# TeknoPOP! Showing



## Phaz23 (May 31, 2020)

Hi Poodle fam, you've probably seen that Tekno has been visiting a good share of shows lately and we're going to keep attending to get his CH (and maybe even go for grand) so I think it's appropriate to split off his sports thread into a showing thread as well . To start it off, Mr. Pop received his first points today! BOW for a 4pt major under judge Dr. Carol-White Moser 










I'll post his official win photo as soon as it's ready. We're super proud of our handsome guy!


----------



## 94Magna_Tom (Feb 23, 2021)

Congratulations!


----------



## Starla (Nov 5, 2020)

He is such a little superstar! Way to go Tekno and Mom. He certainly was worth the wait! I’m still in love with his little face, as much as when you first posted puppy pics. 😍


----------



## Skylar (Jul 29, 2016)

Huge congratulations… you are showing him yourself and not using a professional handler right? That’s fabulous.


----------



## Happy'sDad (Jul 4, 2020)

Way to go Tekno! Congrats.


----------



## Dechi (Aug 22, 2015)

Congrats to you both ! Well deserved !


----------



## TeamHellhound (Feb 5, 2021)

Congratulations! A four point major for your first ever points is super!


----------



## farleysd (Apr 18, 2011)

Excellent! Congratulations!


----------



## Rose n Poos (Sep 22, 2017)

Well done and well deserved to you both!


----------



## Streetcar (Apr 13, 2014)

Incredibly wonderful ❤!!!!!!!!
When I saw that Reserve Winners, I KNEW points were not far behind. Tekno has it all!!!
Congratulations 🎊 👏!


----------



## SandyTopknot (8 mo ago)

Woooooohooooooo! Congrats! Only 11 more points with a major to go! Dog sports are so much fun, no matter which one(s) you play, because your teammate is your very favorite teammate. 💖 🐩 💖 Go, Tekno, go!! Is that a ModCon he's sporting? Looking good!!


----------



## Phaz23 (May 31, 2020)

Skylar said:


> Huge congratulations… you are showing him yourself and not using a professional handler right? That’s fabulous.


Yup, owner handled, groomed, and trained 😁


----------



## Phaz23 (May 31, 2020)

SandyTopknot said:


> Woooooohooooooo! Congrats! Only 11 more points with a major to go! Dog sports are so much fun, no matter which one(s) you play, because your teammate is your very favorite teammate. 💖 🐩 💖 Go, Tekno, go!! Is that a ModCon he's sporting? Looking good!!


Thank you and yes, we love the MCC!


----------



## Asta's Mom (Aug 20, 2014)

Huge congrats - you & Tekno are amazing!


----------



## SandyTopknot (8 mo ago)

Phaz23 yay you!! Looking at all those titles, it looks like you and Tekno are doing great! Maybe I'll get to meet you in person at a show one day. Will you be going to the Vallejo shows in September? I'm judging, so if you're there I'd love to meet you and your handsome young man. I don't judge Poodles (yet!) so it wouldn't be a conflict.


----------



## Mfmst (Jun 18, 2014)

Pardon the pun, but I always thought Techno had the IT skills for conformation ring as well as all the smarts for performance credentials.
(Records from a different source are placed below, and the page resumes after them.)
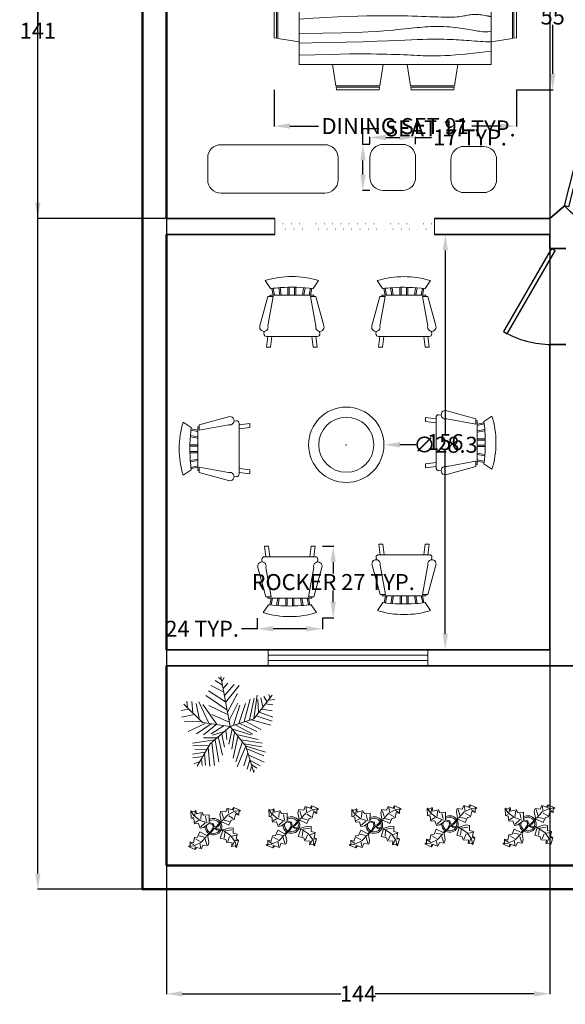
# Model space of a CAD drawing. Units: inches. Extents: x 823 to 1335, y 207 to 1074.
# Tile 1 of 6: x 823 to 1028, y 207 to 577. Entities that reach past the tile are written whole.
import ezdxf

# ---------------------------------------------------------------- set-up
doc = ezdxf.new("R2010")
doc.units = ezdxf.units.IN
doc.header["$MEASUREMENT"] = 0
doc.linetypes.add('ACAD_ISO07W100', pattern=[3, 0, -3])
for name, color, linetype, lineweight in [('A-ANNO-DIMS', 2, 'Continuous', 18), ('A-GLAZ-OVHD', 211, 'ACAD_ISO07W100', 18), ('doors', 51, 'Continuous', 25), ('furniture', 21, 'Continuous', 18), ('inner wall', 102, 'Continuous', 35), ('L-PLNT', 90, 'Continuous', 13), ('outer wall', 105, 'Continuous', 50), ('windows', 211, 'Continuous', 18)]:
    doc.layers.add(name, color=color, linetype=linetype, lineweight=lineweight)
doc.styles.get("Standard").update_dxf_attribs({"font": 'arial.ttf'})
doc.dimstyles.get("Standard").update_dxf_attribs({"dimtxt": 6, "dimasz": 6, "dimexe": 0.18, "dimexo": 0.0625, "dimgap": 0.09, "dimtad": 0, "dimtih": 1, "dimtoh": 1, "dimdec": 0, "dimzin": 0, "dimdsep": 46, "dimlunit": 3, "dimtxsty": 'Standard', "dimcen": 0.09, "dimadec": 0, "dimazin": 0, "dimtfac": 1, "dimtdec": 0, "dimtofl": 0, "dimtmove": 0, "dimatfit": 3, "dimfxl": 1, "dimtolj": 1, "dimtzin": 0, "dimarcsym": 0})

# ---------------------------------------------------------------- blocks, each defined once
blk = doc.blocks.new('*U5')
for p, q in [((0, 0), (0, -6)), ((-40, 0), (-40, -6))]:
    blk.add_line(p, q)
blk.add_lwpolyline([(0, 0), (-34.64, 20), (-35.52, 18.48), (-0.88, -1.52)], close=True)
blk.add_arc((0, 0), 40, 150, 180)
blk = doc.blocks.new('*U4')
for p, q in [((-40, 0), (-40, 6)), ((0, 0), (0, 6))]:
    blk.add_line(p, q)
blk.add_lwpolyline([(0, 0), (-34.64, -20), (-35.52, -18.48), (-0.88, 1.52)], close=True)
blk.add_arc((0, 0), 40, 180, 210)
blk = doc.blocks.new('Dining Set - 36 x 72 in.')
for p, q in [((-22.2343, 26.00059), (-23.4847, 17.99762)), ((-22.2304, 26), (-5.7608, 26)), ((-22, 27.5), (-22.1562, 26.50042)), ((-5.8416, 26.5), (-22.1534, 26.5)), ((-22, 27.5), (-6, 27.5)), ((-5.8437, 26.49966), (-6, 27.5)), ((-4.5152, 17.99762), (-5.7655, 25.99926)), ((5.7657, 26.00059), (4.5153, 17.99762)), ((5.7696, 26), (22.2392, 26)), ((6, 27.5), (5.8438, 26.50042)), ((22.1584, 26.5), (5.8466, 26.5)), ((6, 27.5), (22, 27.5)), ((22.1563, 26.49966), (22, 27.5)), ((23.4848, 17.99762), (22.2345, 25.99926)), ((36, 18), (-36, 18)), ((-36, 18), (-36, -18)), ((36, -18), (36, 18)), ((-45.5, 8), (-44.5004, 8.15617)), ((-45.5, 8), (-45.5, -8)), ((-44.5, -8.15843), (-44.5, 8.15338)), ((-44.0006, 8.23428), (-35.9976, 9.48474)), ((-44, 8.23041), (-44, -8.23915)), ((44.0006, 8.23428), (35.9976, 9.48474)), ((44, 8.23041), (44, -8.23915)), ((44.5, -8.15843), (44.5, 8.15338)), ((45.5, 8), (44.5005, 8.15617)), ((45.5, 8), (45.5, -8)), ((-44.4997, -8.15631), (-45.5, -8)), ((-35.9976, -9.48476), (-43.9993, -8.2345)), ((35.9976, -9.48476), (43.9993, -8.2345)), ((44.4997, -8.15631), (45.5, -8)), ((-36, -18), (36, -18)), ((-22.2343, -26.0006), (-23.4847, -17.99762)), ((-4.5152, -17.99762), (-5.7655, -25.99928)), ((5.7657, -26.0006), (4.5153, -17.99762)), ((23.4848, -17.99762), (22.2345, -25.99928)), ((-22.2304, -26), (-5.7608, -26)), ((-22, -27.5), (-22.1562, -26.50044)), ((-5.8416, -26.5), (-22.1534, -26.5)), ((-22, -27.5), (-6, -27.5)), ((-5.8437, -26.49967), (-6, -27.5)), ((5.7696, -26), (22.2392, -26)), ((6, -27.5), (5.8438, -26.50044)), ((22.1584, -26.5), (5.8466, -26.5)), ((6, -27.5), (22, -27.5)), ((22.1563, -26.49967), (22, -27.5))]:
    blk.add_line(p, q)
for points in [[(-36, 15), (-31.1772, 14.97754), (-26.8079, 14.91406), (-22.8538, 14.81543), (-19.276, 14.6875), (-16.0362, 14.53613), (-13.0957, 14.36718), (-10.4159, 14.18652), (-7.9583, 14), (-5.6904, 13.81315), (-3.6035, 13.63021), (-1.6954, 13.45508), (0.0365, 13.29166), (1.5945, 13.14388), (2.9811, 13.01562), (4.1988, 12.9108), (5.25, 12.83333), (6.1393, 12.78613), (6.8802, 12.76823), (7.4883, 12.77767), (7.9792, 12.8125), (8.3685, 12.87077), (8.6719, 12.95052), (8.9049, 13.0498), (9.0833, 13.16666), (9.2205, 13.29899), (9.3216, 13.44401), (9.3895, 13.59879), (9.4271, 13.76041), (9.4373, 13.92594), (9.4232, 14.09245), (9.3875, 14.257), (9.3333, 14.41666), (9.2638, 14.56917), (9.1836, 14.71484), (9.0975, 14.85465), (9.0104, 14.98958), (8.9272, 15.1206), (8.8529, 15.2487), (8.7922, 15.37483), (8.75, 15.5), (8.7305, 15.62467), (8.7344, 15.74739), (8.7617, 15.86621), (8.8125, 15.97916), (8.8867, 16.08431), (8.9844, 16.17968), (9.1055, 16.26334), (9.25, 16.33333), (9.4189, 16.38802), (9.6172, 16.42708), (9.8506, 16.45052), (10.125, 16.45833), (10.4463, 16.45052), (10.8203, 16.42708), (11.2529, 16.38802), (11.75, 16.33333), (12.3184, 16.26318), (12.9694, 16.17838), (13.7151, 16.07991), (14.5677, 15.96875), (15.5395, 15.84586), (16.6426, 15.71224), (17.8893, 15.56884), (19.2917, 15.41666), (20.859, 15.25667), (22.5879, 15.08984), (24.4721, 14.91715), (26.5052, 14.73958), (28.6809, 14.5581), (30.9929, 14.3737), (33.4347, 14.18733), (36, 14)], [(-36, 10), (-28.9766, 10.14274), (-23.1725, 10.20442), (-18.4241, 10.19775), (-14.5677, 10.13541), (-11.4399, 10.03011), (-8.877, 9.89453), (-6.7154, 9.74137), (-4.7917, 9.58333), (-2.9698, 9.43082), (-1.2246, 9.28515), (0.4415, 9.14534), (2.026, 9.01041), (3.5266, 8.87939), (4.9408, 8.7513), (6.266, 8.62516), (7.5, 8.5), (8.6411, 8.37549), (9.6914, 8.2539), (10.6538, 8.13818), (11.5312, 8.03125), (12.3267, 7.93603), (13.043, 7.85547), (13.6831, 7.79248), (14.25, 7.75), (14.7471, 7.7303), (15.1797, 7.73307), (15.5537, 7.75732), (15.875, 7.80208), (16.1494, 7.86637), (16.3828, 7.94922), (16.5811, 8.04964), (16.75, 8.16666), (16.8944, 8.29915), (17.0143, 8.44531), (17.1089, 8.60319), (17.1771, 8.77083), (17.218, 8.94629), (17.2305, 9.1276), (17.2137, 9.31282), (17.1667, 9.5), (17.0895, 9.6875), (16.987, 9.875), (16.8649, 10.0625), (16.7292, 10.25), (16.5856, 10.4375), (16.4401, 10.625), (16.2985, 10.8125), (16.1667, 11), (16.05, 11.18733), (15.9518, 11.3737), (15.8752, 11.5581), (15.8229, 11.73958), (15.798, 11.91715), (15.8034, 12.08984), (15.842, 12.25667), (15.9167, 12.41666), (16.0295, 12.56836), (16.1784, 12.70833), (16.3605, 12.83268), (16.5729, 12.9375), (16.8127, 13.01888), (17.0768, 13.07291), (17.3625, 13.0957), (17.6667, 13.08333), (17.9894, 13.03312), (18.3418, 12.94726), (18.7382, 12.82918), (19.1927, 12.68229), (19.7195, 12.51001), (20.3327, 12.31575), (21.0465, 12.10294), (21.875, 11.875), (22.8357, 11.63354), (23.959, 11.37304), (25.2786, 11.08618), (26.8282, 10.76562), (28.6414, 10.40405), (30.752, 9.99414), (33.1936, 9.52856), (36, 9)], [(-36, 5.5), (-30.7157, 5.3348), (-26.069, 5.20963), (-21.9946, 5.11767), (-18.4271, 5.05208), (-15.3009, 5.00602), (-12.5508, 4.97265), (-10.1112, 4.94515), (-7.9167, 4.91666), (-5.909, 4.88167), (-4.0586, 4.83984), (-2.3429, 4.79215), (-0.7396, 4.73958), (0.7739, 4.6831), (2.22, 4.6237), (3.6213, 4.56233), (5, 4.5), (6.373, 4.43782), (7.7344, 4.3776), (9.0723, 4.32129), (10.375, 4.27083), (11.6309, 4.22819), (12.8281, 4.19531), (13.9551, 4.17415), (15, 4.16666), (15.954, 4.17448), (16.819, 4.19791), (17.6001, 4.23698), (18.3021, 4.29166), (18.9299, 4.36198), (19.4883, 4.44791), (19.9823, 4.54948), (20.4167, 4.66666), (20.7969, 4.79899), (21.1302, 4.94401), (21.4245, 5.09879), (21.6875, 5.26041), (21.9271, 5.42594), (22.1511, 5.59245), (22.3672, 5.757), (22.5834, 5.91666), (22.8065, 6.06868), (23.0404, 6.21093), (23.2879, 6.34147), (23.5521, 6.45833), (23.8358, 6.55957), (24.142, 6.64323), (24.4735, 6.70735), (24.8334, 6.75), (25.2235, 6.76969), (25.642, 6.76692), (26.0858, 6.74267), (26.5521, 6.69791), (27.0379, 6.63362), (27.5404, 6.55078), (28.0565, 6.45036), (28.5834, 6.33333), (29.1242, 6.19987), (29.7071, 6.04687), (30.3661, 5.87044), (31.1354, 5.66666), (32.0493, 5.43164), (33.142, 5.16146), (34.4475, 4.85221), (36, 4.5)], [(-36, -1), (-30.7915, -0.6591), (-26.0195, -0.38216), (-21.6519, -0.16284), (-17.6563, 0.00521), (-14.0005, 0.12833), (-10.6523, 0.21289), (-7.5796, 0.26522), (-4.75, 0.29166), (-2.134, 0.29793), (0.2878, 0.28711), (2.5317, 0.26163), (4.6146, 0.22396), (6.5529, 0.17651), (8.3633, 0.12174), (10.0623, 0.06209), (11.6667, 0), (13.1899, -0.06201), (14.6341, -0.1211), (15.9982, -0.17432), (17.2813, -0.21875), (18.4823, -0.25147), (19.6003, -0.26953), (20.6343, -0.27002), (21.5834, -0.25), (22.4481, -0.20768), (23.2357, -0.14584), (23.9549, -0.06836), (24.6146, 0.02083), (25.2235, 0.11784), (25.7904, 0.21875), (26.3241, 0.31966), (26.8334, 0.41666), (27.3265, 0.50618), (27.8099, 0.58593), (28.2894, 0.65397), (28.7709, 0.70833), (29.2601, 0.74707), (29.763, 0.76823), (30.2855, 0.76985), (30.8334, 0.75), (31.4088, 0.70784), (31.9994, 0.64713), (32.589, 0.57275), (33.1615, 0.48958), (33.7008, 0.4025), (34.1908, 0.3164), (34.6153, 0.23616), (34.9584, 0.16666), (35.2099, 0.11165), (35.3848, 0.07031), (35.504, 0.04069), (35.5886, 0.02083), (35.6594, 0.00879), (35.7377, 0.0026), (35.8442, 0.00032), (36, 0)], [(-36, -6.5), (-27.1843, -6.31267), (-20.084, -6.1263), (-14.469, -5.9419), (-10.1094, -5.76042), (-6.7752, -5.58285), (-4.2363, -5.41016), (-2.2629, -5.24333), (-0.625, -5.08334), (0.8708, -4.93099), (2.2715, -4.78646), (3.5872, -4.64974), (4.8281, -4.52084), (6.0046, -4.39974), (7.127, -4.28646), (8.2053, -4.18099), (9.25, -4.08334), (10.2705, -3.99382), (11.2734, -3.91407), (12.2647, -3.84603), (13.25, -3.79167), (14.2354, -3.75293), (15.2266, -3.73177), (16.2295, -3.73015), (17.25, -3.75), (18.2912, -3.79248), (19.3451, -3.85547), (20.4009, -3.93604), (21.4479, -4.03125), (22.4754, -4.13819), (23.4727, -4.25391), (24.4289, -4.37549), (25.3334, -4.5), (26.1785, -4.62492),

Congratulations to you both. Just wow!


----------



## PeggyTheParti (Sep 5, 2019)

Unstoppable!


----------



## Looniesense (Jul 10, 2021)

Very impressive. Congratulations, Very nice win.


----------



## Phaz23 (May 31, 2020)

SandyTopknot said:


> Phaz23 yay you!! Looking at all those titles, it looks like you and Tekno are doing great! Maybe I'll get to meet you in person at a show one day. Will you be going to the Vallejo shows in September? I'm judging, so if you're there I'd love to meet you and your handsome young man. I don't judge Poodles (yet!) so it wouldn't be a conflict.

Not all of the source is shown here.